Der LÖWENZWERGWIDDER ist eigentlich eine Kreuzung zwischen Teddyzwergwidder & kurzhaarigen Widder (Minilop, Nomalzwergwidder oder NHD). So kann das Fell bei ihm teilweise unterschiedlich dicht ausfallen. Doch zu erkennen und einzuteilen ist der, wenn er vorne am Kopf das Gesicht bis hinter die Augen kurzhaarig hat und über den Rücken auch. Ab Ohrenansatz, am Hals, an den Seiten, Bauch und am Hinterteil dürfen lange Haare vorhanden sein. 

 

Typvoll: der Löwenzwergwidder kann (je nach Genen die er vererbt hat) eher wie der Teddyzwergwidder anhänglich sein oder aber wie der eigentliche kurzhaarige Zwergwidder eher distanziert. Doch gerade diese Vielfältige Ader die er mit sich bringt, kann ein grösseres Rudel ganz schön spannend machen. Auch hier sind alle Farbvariationen zugelassen. 

 

Fellqualität: Ein Löwenzwergwidder muss leicht kämmbares Fell aufweisen, dass vielleicht 1 bis 2x im Monat etwas durchgebürstet werden sollte (im langen Bereich).  Je nach Tier kann die Löwenmähne unterschiedlich lang/dicht sein. 

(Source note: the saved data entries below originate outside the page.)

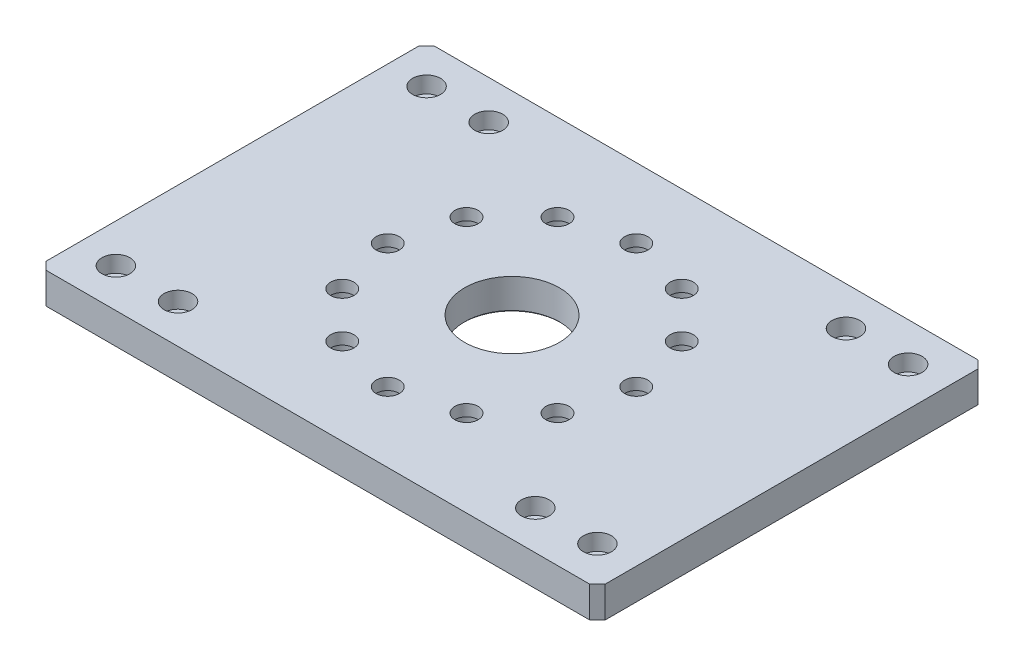
SolidWorks part; units mm, degrees
material "Q235A"
ref_plane "前视基准面" through (0, 0, 0) normal (0, 0, 1) x (1, 0, 0)
ref_plane "上视基准面" through (0, 0, 0) normal (0, 1, 0) x (1, 0, 0)
ref_plane "右视基准面" through (0, 0, 0) normal (1, 0, 0) x (0, 0, -1)
ref_plane "基准面1" through (0, 63, 0) normal (0, -1, 0) x (1, 0, 0)
sketch "草图1" plane through (0, 63, 0) normal (0, -1, 0) x (1, 0, 0)
  line L0 (135.1, -120) -> (135.1, -370)
  line L1 (135.1, -370) -> (495.1, -370)
  line L2 (495.1, -370) -> (495.1, -120)
  line L3 (495.1, -120) -> (135.1, -120)
extrude "凸台-拉伸1" add sketch "草图1" against normal blind 20
hole_wizard "M10 六角凹头螺钉的柱形沉头孔1" positions "草图3" profile "草图2" counterbore size "M10" standard "ISO" end condition through all
sketch "草图3" plane through (0, 83, 0) normal (0, -1, 0) x (-1, 0, 0)
  point P0 (-470.1, 345)
  point P1 (-430.1, 345)
  point P2 (-470.1, 145)
  point P3 (-430.1, 145)
  point P4 (-200.1, 145)
  point P5 (-200.1, 345)
  point P6 (-160.1, 145)
  point P7 (-160.1, 345)
sketch "草图2" plane through (470.1, 83, -345) normal (1, 0, 0) x (0, 0, 1)
  line L0 (0, 0) -> (0, 20)
  line L1 (0, 20) -> (6, 20)
  line L3 (6, 20) -> (6, 10.6)
  line L4 (6, 10.6) -> (9, 10.6)
  line L5 (9, 10.6) -> (9, 0)
  line L7 (9, 0) -> (0, 0)
  line L11 (0, -6.35) -> (0, 107.95) construction
  dimension "通孔孔直径" = 12
  dimension "通孔孔深度" = 20
  dimension "柱形沉头孔直径" = 18
  dimension "柱形沉头孔深度" = 10.6
hole_wizard "M52 间隙孔1" positions "草图5" profile "草图4" hole size "M52" standard "ANSI Metric"
sketch "草图5" plane through (0, 63, 0) normal (0, -1, 0) x (-1, 0, 0)
  point P0 (-315.1, 245)
sketch "草图4" plane through (315.1, 63, -245) normal (1, 0, 0) x (0, 0, -1)
  line L0 (0, 0) -> (0, 20)
  line L1 (0, 20) -> (30.5, 20)
  line L2 (30.5, 20) -> (30.5, 0)
  line L5 (30.5, 0) -> (0, 0)
  line L11 (0, -6.35) -> (0, 107.95) construction
  dimension "通孔孔直径" = 61
  dimension "通孔孔深度" = 20
hole_wizard "M12 六角凹头螺钉的柱形沉头孔1" positions "草图7" profile "草图6" counterbore size "M12" standard "ISO" end condition through all
sketch "草图7" plane through (0, 63, 0) normal (0, -1, 0) x (-1, 0, 0)
  point P0 (-245.818, 205)
  point P1 (-275.1, 175.718)
  point P2 (-315.1, 165)
  point P3 (-355.1, 175.718)
  point P4 (-384.382, 205)
  point P5 (-395.1, 245)
  point P6 (-384.382, 285)
  point P7 (-355.1, 314.282)
  point P8 (-315.1, 325)
  point P9 (-275.1, 314.282)
  point P10 (-245.818, 285)
  point P11 (-235.1, 245)
sketch "草图6" plane through (245.818, 63, -205) normal (1, 0, 0) x (0, 0, -1)
  line L0 (0, 0) -> (0, 20)
  line L1 (0, 20) -> (7.5, 20)
  line L3 (7.5, 20) -> (7.5, 12.6)
  line L4 (7.5, 12.6) -> (10, 12.6)
  line L5 (10, 12.6) -> (10, 0)
  line L7 (10, 0) -> (0, 0)
  line L11 (0, -6.35) -> (0, 107.95) construction
  dimension "通孔孔直径" = 15
  dimension "通孔孔深度" = 20
  dimension "柱形沉头孔直径" = 20
  dimension "柱形沉头孔深度" = 12.6
chamfer "倒角1" distance 1 angle 45 1 edges at (315.1, 63, -275.5)
chamfer "倒角2" distance 5 angle 45 4 edges at (495.1, 73, -120) (495.1, 73, -370) (135.1, 73, -370) (135.1, 73, -120)

Das TEDDYZWERGWIDDERLI hat ein sehr dichtes Fell, das mindestens 1 bis 2x pro Woche gründlich gebürstet werden muss, doch geniesst das Kaninchen die Pflege und die Nähe zum Menschen, die es dann erlebt. Diese kleinen Rackerlis werden mit dem Alter dann auch sehr anhänglich und sind eigentlich von Natur aus eher gesellige Faulenzerli die nie alleine als Rasse gehalten werden sollten sondern mindestens zu zweit.

 

Typvoll: seine ehrliche Art ist so schön, er zeigt deutlicher als andere Zwergkaninchen ob er sich wohl fühlt oder nicht, so zieht er sich sofort zurück wenn er nicht wohl ist und wird sehr neugierig und anhänglich wenn es ihm gefällt. Ebenso hört er gerne auf den Menschen und geniesst besonders gerne das  Leben draussen, entgegen den Fuzzylops die am liebsten Drinnen leben.